Con los cristianos y con las comunidades judías, como «gentes del libro» (dhimmis), se estableció un pacto por el cual no tendrían obligación de convertirse al islam y gozarían de la “protección” del Estado (podrían mantener y construir iglesias y sinagogas, realizar sus concilios, mantener sus clérigos, etc.) a cambio del pago de un tributo (‘’yizia”) del que estaban exentos los convertidos a la religión musulmana. Esta permisividad religiosa sería la que explicaría que la islamización de la población peninsular fuera progresiva y que los hispanos que mantuvieron la religión cristiana, aunque adoptando la lengua y las formas de vida árabes (de ahí su nombre de mozárabes), aún fueran mayoría durante los primeros siglos de Al-Ándalus, frente a los hispanos, también arabizados, que se convirtieron al islam (muladíes).
Emirato independiente de Córdoba (756-929)

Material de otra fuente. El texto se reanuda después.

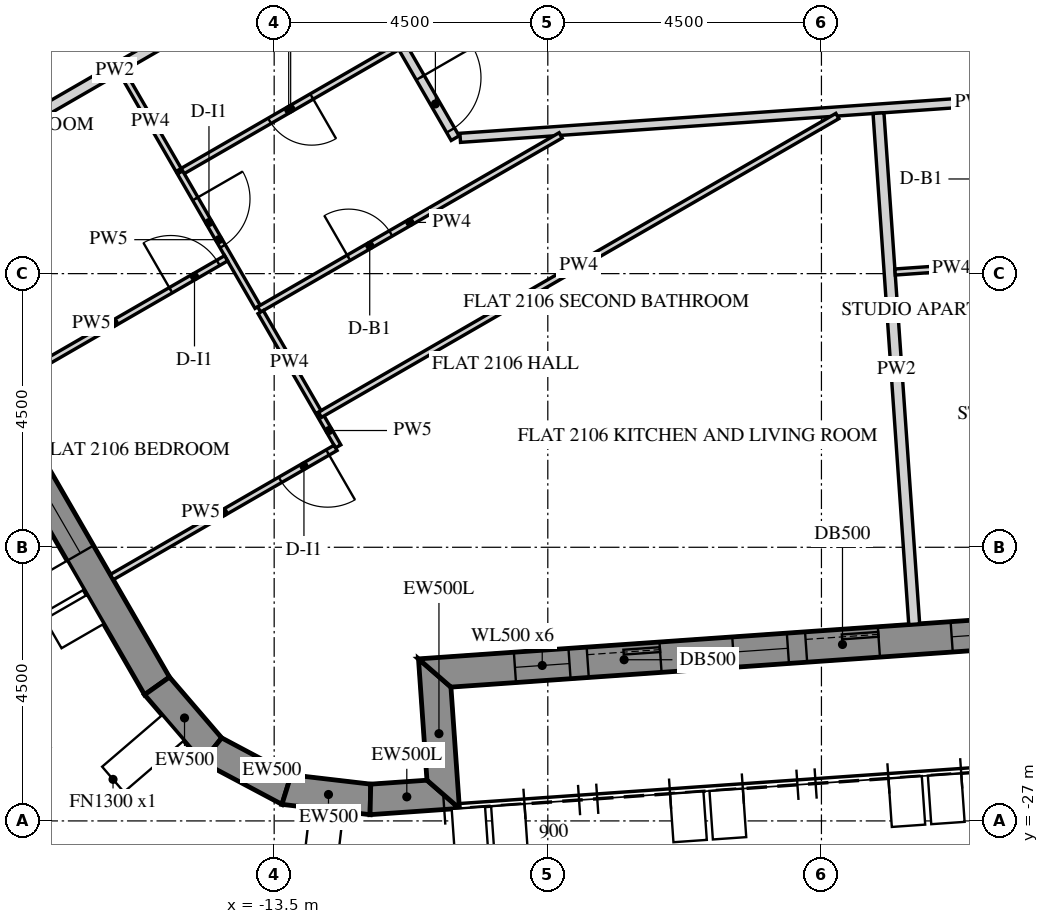
"""IFC4 building model, lengths in metres.
Left out: names, types, materials, properties, quantities, classifications, styles, units other than length and angle.
Written with IfcOpenShell. Run it as: python <this file> out.ifc"""

import sys

from ifc_helpers import new_model, si_unit, direction, frame, frame_2d, origin, place, context, subcontext, project, spatial, polyline, rectangle, outline, extrude, element, fill, save


model = new_model("IFC4")
c1 = context("Model", 3, precision=1e-05, world=origin(), true_north=direction((0.0, 1.0)))
c2 = subcontext(c1, "Body", "Model", "MODEL_VIEW")
j1 = project(units=[si_unit("LENGTHUNIT", "METRE"), si_unit("PLANEANGLEUNIT", "RADIAN")], contexts=[c1])
p1 = place(None, origin())
s1 = spatial("IfcSite", under=j1, at=p1, CompositionType="ELEMENT")
p2 = place(p1, origin())
s2 = spatial("IfcBuilding", under=s1, at=p2, CompositionType="ELEMENT")
p3 = place(p2, frame((0.0, 0.0, 267.9)))
s3 = spatial("IfcBuildingStorey", under=s2, at=p3, CompositionType="ELEMENT", Elevation=267.9)
p4 = place(p3, frame((-28.149, -2.745, -0.15), z_axis=(0.0, 0.0, 1.0), x_axis=(0.500003737743, -0.866023245787, 0.0)))
e1 = element("IfcWall", 1, at=p4, inside=s3, PredefinedType="SOLIDWALL", context=c2, shape_type="SweptSolid", body=[
    extrude(outline(polyline([(-0.021, -0.25), (25.468, -0.25), (25.421, 0.25), (0.021, 0.25), (-0.021, -0.25)])), origin(), (0.0, 0.0, 1.0), 3.9),
])
p5 = place(p4, frame((2.522, 0.0, 0.75)))
e2 = element("IfcOpeningElement", 2, at=p5, cuts=e1, PredefinedType="OPENING", context=c2, shape_type="SweptSolid", body=[
    extrude(rectangle(XDim=2.4, YDim=2.7, at=frame_2d((1.2, 1.35))), frame((0.0, 0.26, 0.0), z_axis=(0.0, -1.0, 0.0), x_axis=(1.0, 0.0, 0.0)), (0.0, 0.0, 1.0), 0.52),
])
p6 = place(p4, frame((6.122, 0.0, 0.75)))
e3 = element("IfcOpeningElement", 3, at=p6, cuts=e1, PredefinedType="OPENING", context=c2, shape_type="SweptSolid", body=[
    extrude(rectangle(XDim=2.4, YDim=2.7, at=frame_2d((1.2, 1.35))), frame((0.0, 0.26, 0.0), z_axis=(0.0, -1.0, 0.0), x_axis=(1.0, 0.0, 0.0)), (0.0, 0.0, 1.0), 0.52),
])
p7 = place(p4, frame((9.722, 0.0, 0.75)))
e4 = element("IfcOpeningElement", 4, at=p7, cuts=e1, PredefinedType="OPENING", context=c2, shape_type="SweptSolid", body=[
    extrude(rectangle(XDim=2.4, YDim=2.7, at=frame_2d((1.2, 1.35))), frame((0.0, 0.26, 0.0), z_axis=(0.0, -1.0, 0.0), x_axis=(1.0, 0.0, 0.0)), (0.0, 0.0, 1.0), 0.52),
])
p8 = place(p4, frame((13.323, 0.0, 0.75)))
e5 = element("IfcOpeningElement", 5, at=p8, cuts=e1, PredefinedType="OPENING", context=c2, shape_type="SweptSolid", body=[
    extrude(rectangle(XDim=2.4, YDim=2.7, at=frame_2d((1.2, 1.35))), frame((0.0, 0.26, 0.0), z_axis=(0.0, -1.0, 0.0), x_axis=(1.0, 0.0, 0.0)), (0.0, 0.0, 1.0), 0.52),
])
p9 = place(p4, frame((16.922, 0.0, 0.75)))
e6 = element("IfcOpeningElement", 6, at=p9, cuts=e1, PredefinedType="OPENING", context=c2, shape_type="SweptSolid", body=[
    extrude(rectangle(XDim=2.4, YDim=2.7, at=frame_2d((1.2, 1.35))), frame((0.0, 0.26, 0.0), z_axis=(0.0, -1.0, 0.0), x_axis=(1.0, 0.0, 0.0)), (0.0, 0.0, 1.0), 0.52),
])
p10 = place(p4, frame((20.522, 0.0, 0.75)))
e7 = element("IfcOpeningElement", 7, at=p10, cuts=e1, PredefinedType="OPENING", context=c2, shape_type="SweptSolid", body=[
    extrude(rectangle(XDim=2.4, YDim=2.7, at=frame_2d((1.2, 1.35))), frame((0.0, 0.26, 0.0), z_axis=(0.0, -1.0, 0.0), x_axis=(1.0, 0.0, 0.0)), (0.0, 0.0, 1.0), 0.52),
])
p11 = place(p3, frame((-15.427, -24.78, -0.15), z_axis=(0.0, 0.0, 1.0), x_axis=(0.651616566281, -0.758548515619, 0.0)))
e8 = element("IfcWall", 8, at=p11, inside=s3, PredefinedType="SOLIDWALL", context=c2, shape_type="SweptSolid", body=[
    extrude(outline(polyline([(-0.023, -0.25), (1.435, -0.25), (1.341, 0.25), (0.023, 0.25), (-0.023, -0.25)])), origin(), (0.0, 0.0, 1.0), 3.9),
])
p12 = place(p3, frame((-14.522, -25.833, -0.15), z_axis=(0.0, 0.0, 1.0), x_axis=(0.882926676147, -0.469510899286, 0.0)))
e9 = element("IfcWall", 9, at=p12, inside=s3, PredefinedType="SOLIDWALL", context=c2, shape_type="SweptSolid", body=[
    extrude(outline(polyline([(-0.047, -0.25), (1.436, -0.25), (1.341, 0.25), (0.047, 0.25), (-0.047, -0.25)])), origin(), (0.0, 0.0, 1.0), 3.9),
])
p13 = place(p3, frame((-13.296, -26.485, -0.15), z_axis=(0.0, 0.0, 1.0), x_axis=(0.993239161627, -0.116086036245, 0.0)))
e10 = element("IfcWall", 10, at=p13, inside=s3, PredefinedType="SOLIDWALL", context=c2, shape_type="SweptSolid", body=[
    extrude(outline(polyline([(-0.047, -0.25), (1.411, -0.25), (1.365, 0.25), (0.047, 0.25), (-0.047, -0.25)])), origin(), (0.0, 0.0, 1.0), 3.9),
])
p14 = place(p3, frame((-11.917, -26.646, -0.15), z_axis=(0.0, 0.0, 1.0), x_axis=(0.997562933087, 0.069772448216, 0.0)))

En el año 750 el Califato de Damasco vivió una grave crisis, cuyo resultado fue que los Omeyas fueron desplazados del poder por el clan de los hashimíes, que trasladaron la capital del Califato a Bagdad ―el nuevo califa Abu al-'Abbas as-Saffah dará nombre a la dinastía abasida―. Sin embargo, un joven miembro del clan Omeya, Abd-al-Rahman, consiguió escapar de Damasco y se refugió en la lejana Al-Ándalus. Allí en el 756 con la ayuda de sus partidarios se hizo proclamar emir, cargo que no será reconocido por el califa de Bagdad. Surge así el emirato independiente, aunque Abd-al-Rahman siguió reconociendo la autoridad religiosa ―que no la política― del califa abasí.
En la segunda mitad siglo IX y principios del siglo X, el emirato independiente vivió un periodo de crisis (rebeliones de árabes, de mozárabes y de muladíes; sublevaciones de gobernadores de las marcas fronterizas; incursiones vikingas; períodos de epidemias y malas cosechas) que sólo con el fortalecimiento de la autoridad del emir, por parte de Abd-al-Rahman III se consiguió superar.
Califato de Córdoba (929-1031)
Durante el largo período que ocupó el poder Abd-al-Rahman III (912-961), Al-Ándalus inició su periodo de máximo esplendor tanto político y militar como económico y cultural. Esto indujo a Abd-al-Rahman III a romper completamente con Bagdad y autoproclamarse en el año 929 califa, es decir, a asumir también la máxima autoridad religiosa como «señor de los creyentes», para de esa forma restaurar también la unidad del Estado islámico andalusí. En las afueras de Córdoba mandó edificar una espléndida ciudad-palacio que sería la sede del nuevo poder califal: Medina Azahara. A Abd-al-Rahman III le sucedió Al-Hakam II (961-976) que prosiguió con su obra de convertir a Al-Ándalus en el territorio más desarrollado y civilizado de Occidente, capaz de rivalizar dentro del mundo islámico con la mismísima Bagdad. Como ha señalado Eduardo Manzano Moreno, «desde los tiempos del Imperio Romano no se había conocido una construcción política tan potente en la península».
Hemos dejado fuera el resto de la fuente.